可却没办法继续赶路了,因为雪花飘飘洒洒而下,道路很快又变成一片银白。
此时已经到了腊月二十三,刚好是北方的小年。
墨雪与云莺说,“即便一天走上五十里,年前也指定能到京,倒是不急于赶路了。”
云莺非常认同墨雪的话,便决定先在驿站住下,等雪停了,路没那么难走了再出发。
只是,算算他们在路上耽搁的这些时间,再算算二爷是骑着马一路疾行回去的。云莺就忍不住问道,“二爷现在大概率到京城了吧?”
墨雪心中算了算二爷的脚程,点头道,“不出意外,今天或早或晚就该进京了。”
“真好啊。”
二爷离家两年多,终于要和父母亲人团聚了。
心里说着“好”,云莺心中却有着掩饰不住的落寞。
她知道二爷安排她后边跟上来,全然是为她好。是因为想让她乘马车,不至于再受累受冻,而他若慢吞吞跟过来,时间上来不及。
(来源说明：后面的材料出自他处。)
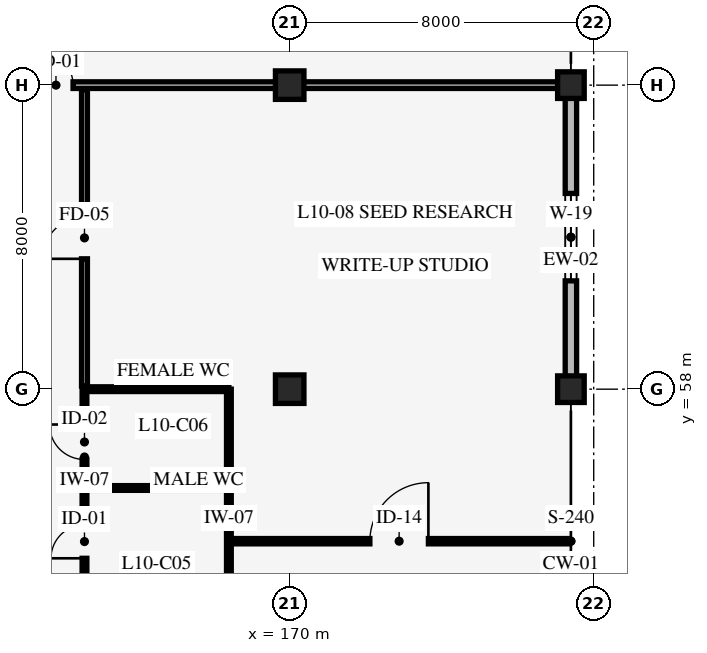
"""IFC4 building model, lengths in metres.
Left out: names, types, materials, properties, quantities, classifications, styles, units other than length and angle.
Written with IfcOpenShell. Run it as: python <this file> out.ifc"""

import sys

from ifc_helpers import new_model, si_unit, direction, frame, frame_2d, origin, origin_2d, place, context, subcontext, project, spatial, rectangle, extrude, element, fill, save


model = new_model("IFC4")
c1 = context("Model", 3, precision=1e-05, world=origin(), true_north=direction((0.0, 1.0)))
c2 = subcontext(c1, "Body", "Model", "MODEL_VIEW")
j1 = project(units=[si_unit("LENGTHUNIT", "METRE"), si_unit("PLANEANGLEUNIT", "RADIAN")], contexts=[c1])
p1 = place(None, origin())
s1 = spatial("IfcSite", under=j1, at=p1, CompositionType="ELEMENT")
p2 = place(p1, origin())
s2 = spatial("IfcBuilding", under=s1, at=p2, CompositionType="ELEMENT")
p3 = place(p2, frame((0.0, 0.0, 40.2)))
s3 = spatial("IfcBuildingStorey", under=s2, at=p3, CompositionType="ELEMENT", Elevation=40.2)
for number, where, z_axis, x_axis in (
    (1, (170.0, 58.0, 0.0), (0.0, 0.0, 1.0), (1.0, 0.0, 0.0)),
    (2, (170.0, 66.0, 0.0), (0.0, 0.0, 1.0), (1.0, 0.0, 0.0)),
):
    element("IfcColumn", number, at=place(p3, frame(where, z_axis=z_axis, x_axis=x_axis)), inside=s3, PredefinedType="COLUMN", context=c2, shape_type="SweptSolid", body=[
        extrude(rectangle(XDim=0.75, YDim=0.75, at=origin_2d()), origin(), (0.0, 0.0, 1.0), 4.2),
    ])
for number, where, z_axis, x_axis in (
    (3, (177.4, 58.0, 0.0), (0.0, 0.0, 1.0), (1.0, 0.0, 0.0)),
    (4, (177.4, 66.0, 0.0), (0.0, 0.0, 1.0), (1.0, 0.0, 0.0)),
):
    element("IfcColumn", number, at=place(p3, frame(where, z_axis=z_axis, x_axis=x_axis)), inside=s3, PredefinedType="COLUMN", context=c2, shape_type="SweptSolid", body=[
        extrude(rectangle(XDim=0.7, YDim=0.7, at=origin_2d()), origin(), (0.0, 0.0, 1.0), 4.2),
    ])
p4 = place(p3, frame((177.4, 66.0, 0.0), z_axis=(0.0, 0.0, 1.0), x_axis=(0.0, -1.0, 0.0)))
e5 = element("IfcWall", 5, at=p4, inside=s3, PredefinedType="STANDARD", context=c2, shape_type="SweptSolid", body=[
    extrude(rectangle(XDim=8.0, YDim=0.3, at=frame_2d((4.0, 0.0))), origin(), (0.0, 0.0, 1.0), 3.14),
])
p5 = place(p4, frame((2.85, 0.0, 0.85)))
e6 = element("IfcOpeningElement", 6, at=p5, cuts=e5, PredefinedType="OPENING", context=c2, shape_type="SweptSolid", body=[
    extrude(rectangle(XDim=2.3, YDim=1.5, at=frame_2d((1.15, 0.75))), frame((0.0, 0.16, 0.0), z_axis=(0.0, -1.0, 0.0), x_axis=(1.0, 0.0, 0.0)), (0.0, 0.0, 1.0), 0.32),
])
p6 = place(p3, frame((164.6, 50.0, 0.0), z_axis=(0.0, 0.0, 1.0), x_axis=(0.0, 1.0, 0.0)))
e7 = element("IfcWall", 7, at=p6, inside=s3, PredefinedType="STANDARD", context=c2, shape_type="SweptSolid", body=[
    extrude(rectangle(XDim=8.0, YDim=0.125, at=frame_2d((4.0, 0.0))), origin(), (0.0, 0.0, 1.0), 3.9),
])
p7 = place(p6, frame((0.9, 0.0, 0.0)))
e8 = element("IfcOpeningElement", 8, at=p7, cuts=e7, PredefinedType="OPENING", context=c2, shape_type="SweptSolid", body=[
    extrude(rectangle(XDim=0.96, YDim=2.08, at=frame_2d((0.48, 1.04))), frame((0.0, 0.073, 0.0), z_axis=(0.0, -1.0, 0.0), x_axis=(1.0, 0.0, 0.0)), (0.0, 0.0, 1.0), 0.145),
])
p8 = place(p6, frame((3.55, 0.0, 0.0)))
e9 = element("IfcOpeningElement", 9, at=p8, cuts=e7, PredefinedType="OPENING", context=c2, shape_type="SweptSolid", body=[
    extrude(rectangle(XDim=0.88, YDim=2.05, at=frame_2d((0.44, 1.025))), frame((0.0, 0.073, 0.0), z_axis=(0.0, -1.0, 0.0), x_axis=(1.0, 0.0, 0.0)), (0.0, 0.0, 1.0), 0.145),
])
p9 = place(p6, frame((6.15, 0.0, 0.0)))
e10 = element("IfcOpeningElement", 10, at=p9, cuts=e7, PredefinedType="OPENING", context=c2, shape_type="SweptSolid", body=[
    extrude(rectangle(XDim=0.92, YDim=2.05, at=frame_2d((0.46, 1.025))), frame((0.0, 0.073, 0.0), z_axis=(0.0, -1.0, 0.0), x_axis=(1.0, 0.0, 0.0)), (0.0, 0.0, 1.0), 0.145),
])
p10 = place(p3, frame((168.4, 50.0, 0.0), z_axis=(0.0, 0.0, 1.0), x_axis=(0.0, 1.0, 0.0)))
e11 = element("IfcWall", 11, at=p10, inside=s3, PredefinedType="STANDARD", context=c2, shape_type="SweptSolid", body=[
    extrude(rectangle(XDim=8.0, YDim=0.125, at=frame_2d((4.0, 0.0))), origin(), (0.0, 0.0, 1.0), 3.9),
])
p11 = place(p3, frame((164.6, 55.4, 0.0), z_axis=(0.0, 0.0, 1.0), x_axis=(1.0, 0.0, 0.0)))
e12 = element("IfcWall", 12, at=p11, inside=s3, PredefinedType="STANDARD", context=c2, shape_type="SweptSolid", body=[
    extrude(rectangle(XDim=3.8, YDim=0.125, at=frame_2d((1.9, 0.0))), origin(), (0.0, 0.0, 1.0), 3.9),
])
p12 = place(p3, frame((164.6, 58.0, 0.0), z_axis=(0.0, 0.0, 1.0), x_axis=(1.0, 0.0, 0.0)))
e13 = element("IfcWall", 13, at=p12, inside=s3, PredefinedType="STANDARD", context=c2, shape_type="SweptSolid", body=[
    extrude(rectangle(XDim=3.8, YDim=0.125, at=frame_2d((1.9, 0.0))), origin(), (0.0, 0.0, 1.0), 3.09),
])
p13 = place(p3, frame((168.4, 54.0, 0.0), z_axis=(0.0, 0.0, 1.0), x_axis=(1.0, 0.0, 0.0)))
e14 = element("IfcWall", 14, at=p13, inside=s3, PredefinedType="STANDARD", context=c2, shape_type="SweptSolid", body=[
    extrude(rectangle(XDim=8.96, YDim=0.14, at=frame_2d((4.48, 0.0))), origin(), (0.0, 0.0, 1.0), 3.9),
])
p14 = place(p13, frame((3.71, 0.0, 0.0)))
e15 = element("IfcOpeningElement", 15, at=p14, cuts=e14, PredefinedType="OPENING", context=c2, shape_type="SweptSolid", body=[
    extrude(rectangle(XDim=1.54, YDim=2.22, at=frame_2d((0.77, 1.11))), frame((0.0, 0.08, 0.0), z_axis=(0.0, -1.0, 0.0), x_axis=(1.0, 0.0, 0.0)), (0.0, 0.0, 1.0), 0.16),
])
p15 = place(p3, frame((164.6, 58.08, 0.0), z_axis=(0.0, 0.0, 1.0), x_axis=(0.0, 1.0, 0.0)))
e16 = element("IfcWall", 16, at=p15, inside=s3, PredefinedType="STANDARD", context=c2, shape_type="SweptSolid", body=[
    extrude(rectangle(XDim=7.8, YDim=0.155, at=frame_2d((3.9, 0.0))), origin(), (0.0, 0.0, 1.0), 3.9),
])
p16 = place(p15, frame((3.35, 0.0, 0.0)))
e17 = element("IfcOpeningElement", 17, at=p16, cuts=e16, PredefinedType="OPENING", context=c2, shape_type="SweptSolid", body=[
    extrude(rectangle(XDim=1.1, YDim=2.1, at=frame_2d((0.55, 1.05))), frame((0.0, 0.087, 0.0), z_axis=(0.0, -1.0, 0.0), x_axis=(1.0, 0.0, 0.0)), (0.0, 0.0, 1.0), 0.175),
])
p17 = place(p3, frame((162.35, 66.0, 0.0), z_axis=(0.0, 0.0, 1.0), x_axis=(1.0, 0.0, 0.0)))
e18 = element("IfcWall", 18, at=p17, inside=s3, PredefinedType="STANDARD", context=c2, shape_type="SweptSolid", body=[
    extrude(rectangle(XDim=14.7, YDim=0.175, at=frame_2d((7.35, 0.0))), origin(), (0.0, 0.0, 1.0), 3.09),
])
p18 = place(p17, frame((1.05, 0.0, 0.0)))
e19 = element("IfcOpeningElement", 19, at=p18, cuts=e18, PredefinedType="OPENING", context=c2, shape_type="SweptSolid", body=[
    extrude(rectangle(XDim=0.9, YDim=2.1, at=frame_2d((0.45, 1.05))), frame((0.0, 0.098, 0.0), z_axis=(0.0, -1.0, 0.0), x_axis=(1.0, 0.0, 0.0)), (0.0, 0.0, 1.0), 0.195),
])
p19 = place(p5, origin())
e20 = element("IfcWindow", 20, at=p19, inside=s3, PartitioningType="SINGLE_PANEL", PredefinedType="WINDOW", context=c2, shape_type="SweptSolid", body=[
    extrude(rectangle(XDim=2.3, YDim=1.5, at=frame_2d((1.15, 0.75))), frame((0.0, 0.03, 0.0), z_axis=(0.0, -1.0, 0.0), x_axis=(1.0, 0.0, 0.0)), (0.0, 0.0, 1.0), 0.06),
])
fill(e6, e20)
p20 = place(p8, origin())
e21 = element("IfcDoor", 21, at=p20, inside=s3, OperationType="SINGLE_SWING_LEFT", PredefinedType="DOOR", context=c2, shape_type="SweptSolid", body=[
    extrude(rectangle(XDim=0.88, YDim=2.05, at=frame_2d((0.44, 1.025))), frame((0.0, 0.025, 0.0), z_axis=(0.0, -1.0, 0.0), x_axis=(1.0, 0.0, 0.0)), (0.0, 0.0, 1.0), 0.05),
])
fill(e9, e21)
p21 = place(p9, origin())
e22 = element("IfcDoor", 22, at=p21, inside=s3, OperationType="SINGLE_SWING_RIGHT", PredefinedType="DOOR", context=c2, shape_type="SweptSolid", body=[
    extrude(rectangle(XDim=0.92, YDim=2.05, at=frame_2d((0.46, 1.025))), frame((0.0, 0.025, 0.0), z_axis=(0.0, -1.0, 0.0), x_axis=(1.0, 0.0, 0.0)), (0.0, 0.0, 1.0), 0.05),
])
fill(e10, e22)
p22 = place(p14, origin())
e23 = element("IfcDoor", 23, at=p22, inside=s3, OperationType="SINGLE_SWING_RIGHT", PredefinedType="DOOR", context=c2, shape_type="SweptSolid", body=[
    extrude(rectangle(XDim=1.54, YDim=2.22, at=frame_2d((0.77, 1.11))), frame((0.0, 0.025, 0.0), z_axis=(0.0, -1.0, 0.0), x_axis=(1.0, 0.0, 0.0)), (0.0, 0.0, 1.0), 0.05),
])
fill(e15, e23)
p23 = place(p16, origin())
e24 = element("IfcDoor", 24, at=p23, inside=s3, OperationType="SINGLE_SWING_LEFT", PredefinedType="DOOR", context=c2, shape_type="SweptSolid", body=[
    extrude(rectangle(XDim=1.1, YDim=2.1, at=frame_2d((0.55, 1.05))), frame((0.0, 0.025, 0.0), z_axis=(0.0, -1.0, 0.0), x_axis=(1.0, 0.0, 0.0)), (0.0, 0.0, 1.0), 0.05),
])
fill(e17, e24)
p24 = place(p18, origin())
e25 = element("IfcDoor", 25, at=p24, inside=s3, OperationType="SINGLE_SWING_LEFT", PredefinedType="DOOR", context=c2, shape_type="SweptSolid", body=[
    extrude(rectangle(XDim=0.9, YDim=2.1, at=frame_2d((0.45, 1.05))), frame((0.0, 0.025, 0.0), z_axis=(0.0, -1.0, 0.0), x_axis=(1.0, 0.0, 0.0)), (0.0, 0.0, 1.0), 0.05),
])
fill(e19, e25)
save(model, sys.argv[1])
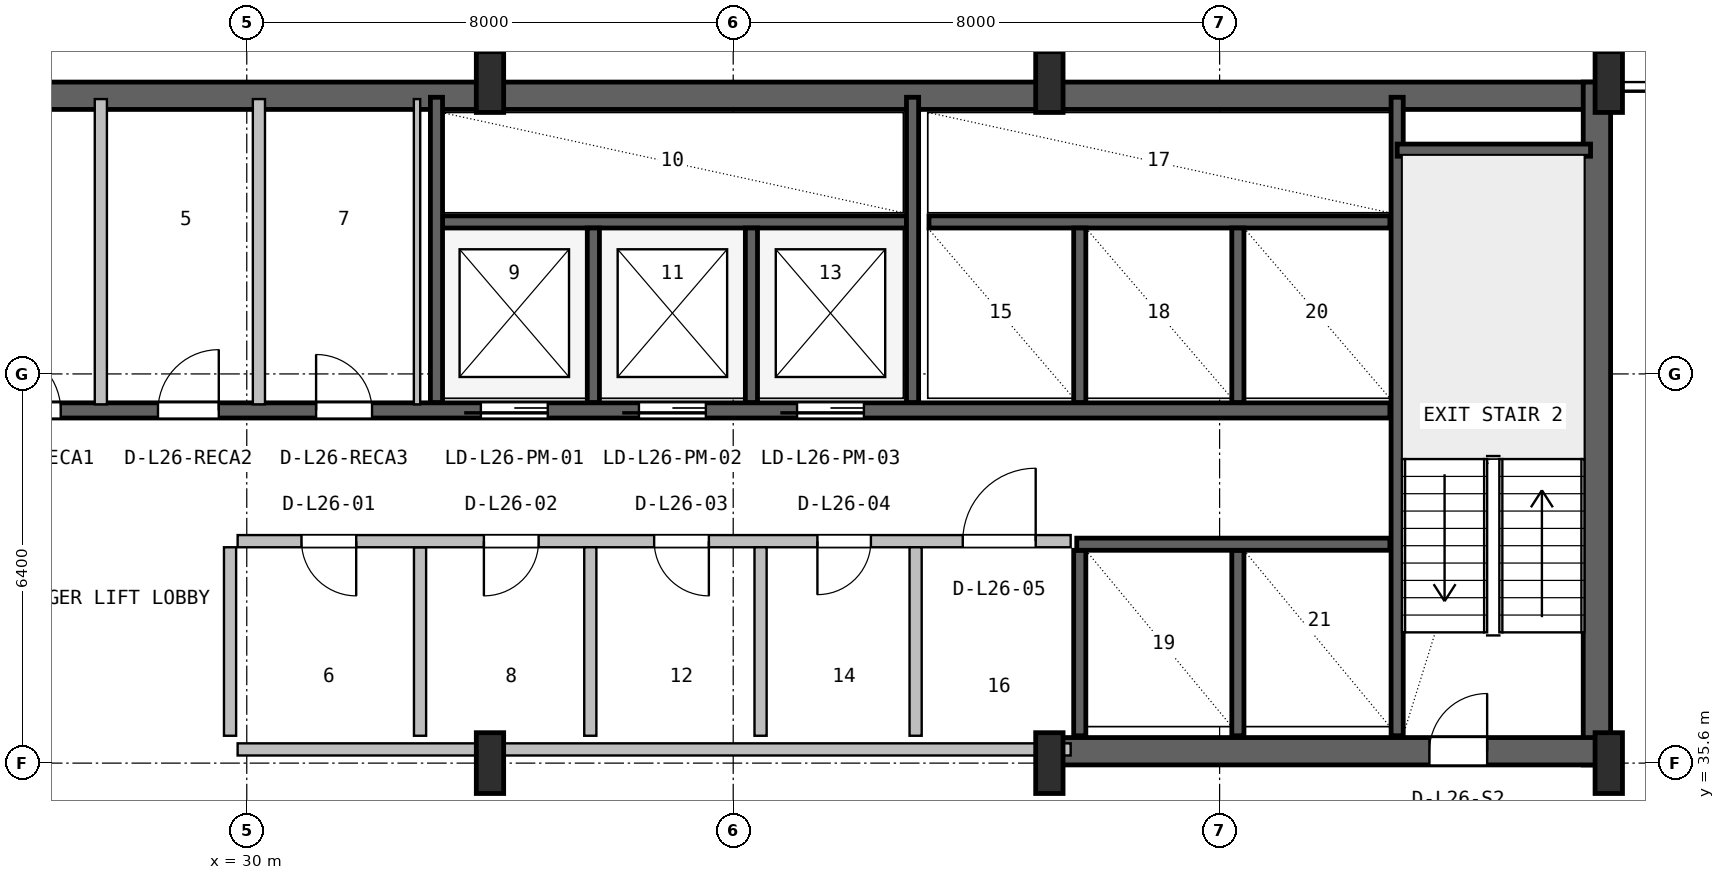
"""IFC4 building model, lengths in metres.
Left out: names, types, materials, properties, quantities, classifications, styles, units other than length and angle.
Written with IfcOpenShell. Run it as: python <this file> out.ifc"""

import sys

from ifc_helpers import new_model, si_unit, direction, frame, frame_2d, origin, origin_2d, place, context, subcontext, project, spatial, rectangle, i_section, extrude, source, transform, mapped, element, fill, save


model = new_model("IFC4")
c1 = context("Model", 3, precision=1e-05, world=origin(), true_north=direction((0.0, 1.0)))
c2 = subcontext(c1, "Body", "Model", "MODEL_VIEW")
j1 = project(units=[si_unit("LENGTHUNIT", "METRE"), si_unit("PLANEANGLEUNIT", "RADIAN")], contexts=[c1])
p1 = place(None, origin())
s1 = spatial("IfcSite", under=j1, at=p1, CompositionType="ELEMENT")
p2 = place(p1, origin())
s2 = spatial("IfcBuilding", under=s1, at=p2, CompositionType="ELEMENT")
p3 = place(p2, frame((0.0, 0.0, 110.6)))
s3 = spatial("IfcBuildingStorey", under=s2, at=p3, CompositionType="ELEMENT", Elevation=110.6)
p4 = place(p3, frame((15.6, 46.575, 0.0), z_axis=(0.0, 0.0, 1.0), x_axis=(1.0, 0.0, 0.0)))
e1 = element("IfcWall", 1, at=p4, inside=s3, PredefinedType="SHEAR", context=c2, shape_type="SweptSolid", body=[
    extrude(rectangle(XDim=36.8, YDim=0.45, at=frame_2d((18.4, 0.0))), origin(), (0.0, 0.0, 1.0), 3.55),
])
p5 = place(p3, frame((52.205, 35.57, 0.0), z_axis=(0.0, 0.0, 1.0), x_axis=(0.0, 1.0, 0.0)))
e2 = element("IfcWall", 2, at=p5, inside=s3, PredefinedType="SHEAR", context=c2, shape_type="SweptSolid", body=[
    extrude(rectangle(XDim=11.23, YDim=0.45, at=frame_2d((5.615, 0.0))), origin(), (0.0, 0.0, 1.0), 3.55),
])
p6 = place(p3, frame((43.2, 35.795, 0.0), z_axis=(0.0, 0.0, 1.0), x_axis=(1.0, 0.0, 0.0)))
e3 = element("IfcWall", 3, at=p6, inside=s3, PredefinedType="SHEAR", context=c2, shape_type="SweptSolid", body=[
    extrude(rectangle(XDim=9.23, YDim=0.45, at=frame_2d((4.615, 0.0))), origin(), (0.0, 0.0, 1.0), 3.55),
])
p7 = place(p6, frame((6.25, 0.0, 0.0)))
e4 = element("IfcOpeningElement", 4, at=p7, cuts=e3, PredefinedType="OPENING", context=c2, shape_type="SweptSolid", body=[
    extrude(rectangle(XDim=0.95, YDim=2.1, at=frame_2d((0.475, 1.05))), frame((0.0, 0.235, 0.0), z_axis=(0.0, -1.0, 0.0), x_axis=(1.0, 0.0, 0.0)), (0.0, 0.0, 1.0), 0.47),
])
m1 = source(origin(), c2, "Body", "SweptSolid", [
    extrude(i_section(OverallWidth=0.45, OverallDepth=1.0, WebThickness=0.016, FlangeThickness=0.03, FilletRadius=0.016, at=origin_2d()), origin(), (0.0, 0.0, 1.0), 3.8),
])
for number, where, z_axis, x_axis in (
    (5, (34.0, 35.6, 0.0), (0.0, 0.0, 1.0), (1.0, 0.0, 0.0)),
    (6, (34.0, 46.8, 0.0), (0.0, 0.0, 1.0), (1.0, 0.0, 0.0)),
    (7, (43.2, 35.6, 0.0), (0.0, 0.0, 1.0), (1.0, 0.0, 0.0)),
    (8, (43.2, 46.8, 0.0), (0.0, 0.0, 1.0), (1.0, 0.0, 0.0)),
    (9, (52.4, 35.6, 0.0), (0.0, 0.0, 1.0), (1.0, 0.0, 0.0)),
    (10, (52.4, 46.8, 0.0), (0.0, 0.0, 1.0), (1.0, 0.0, 0.0)),
):
    element("IfcColumn", number, at=place(p3, frame(where, z_axis=z_axis, x_axis=x_axis)), inside=s3, PredefinedType="COLUMN", context=c2, shape_type="MappedRepresentation", body=[
        mapped(m1, transform((0.0, 0.0, 0.0), x_axis=(1.0, 0.0, 0.0), y_axis=(0.0, 1.0, 0.0), z_axis=(0.0, 0.0, 1.0), scale=1.0)),
    ])
p8 = place(p3, frame((48.92, 36.05, 0.0), z_axis=(0.0, 0.0, 1.0), x_axis=(0.0, 1.0, 0.0)))
e11 = element("IfcWall", 11, at=p8, inside=s3, PredefinedType="SHEAR", context=c2, shape_type="SweptSolid", body=[
    extrude(rectangle(XDim=10.5, YDim=0.2, at=frame_2d((5.25, 0.0))), origin(), (0.0, 0.0, 1.0), 3.55),
])
p9 = place(p3, frame((48.92, 45.68, 0.0), z_axis=(0.0, 0.0, 1.0), x_axis=(1.0, 0.0, 0.0)))
e12 = element("IfcWall", 12, at=p9, inside=s3, PredefinedType="SHEAR", context=c2, shape_type="SweptSolid", body=[
    extrude(rectangle(XDim=3.18, YDim=0.2, at=frame_2d((1.59, 0.0))), origin(), (0.0, 0.0, 1.0), 3.55),
])
p10 = place(p3, frame((24.98, 41.4, 0.0), z_axis=(0.0, 0.0, 1.0), x_axis=(1.0, 0.0, 0.0)))
e13 = element("IfcWall", 13, at=p10, inside=s3, PredefinedType="SHEAR", context=c2, shape_type="SweptSolid", body=[
    extrude(rectangle(XDim=23.82, YDim=0.25, at=frame_2d((11.91, 0.0))), origin(), (0.0, 0.0, 1.0), 3.55),
])
p11 = place(p10, frame((8.87, 0.0, 0.0)))
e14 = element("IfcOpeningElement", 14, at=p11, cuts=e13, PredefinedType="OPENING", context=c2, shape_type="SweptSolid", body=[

毕竟宫里腊月二十五就封印了,二爷得在这之前赶回去,不然就要获罪。
心里明白二爷的安排没有错,可心里多少还是会失落。
加之二爷回去,指定是要面对林淑清的。
即便他们夫妻感情疏离,在上边有长辈坐镇的情况下,他们依旧得做出夫妻和睦的模样来;在外人面前,他们才是关系最为亲密的人。
只是想想,今晚就睡不着了。
云莺这边想七想八的时候,那厢二爷赶在城门落锁之前进了京城。
一路疾驰到了荣国公府所在的街道,此时道路早已变成一片雪白,踏踏的马蹄落在白雪上,道路上绽放出一个个月牙,随后又被更多的马蹄搅散搅乱,弄出满地泥泞来。
国公府的下人一连在城门口守了好几天,守到城门落钥,才看到自家二爷,裹着大氅,冒着霜雪,一骑当先进了城。
下人喜的什么似的,来不及给二爷见礼,便狂拍坐下的马匹,一股烟似的往荣国公府跑去。
“二爷回来了,二爷回来了!”
荣国公府如何震动且不说,只说等二爷骑马到了国公府门前,荣国公府的世子爷与三爷已经在门口等着了。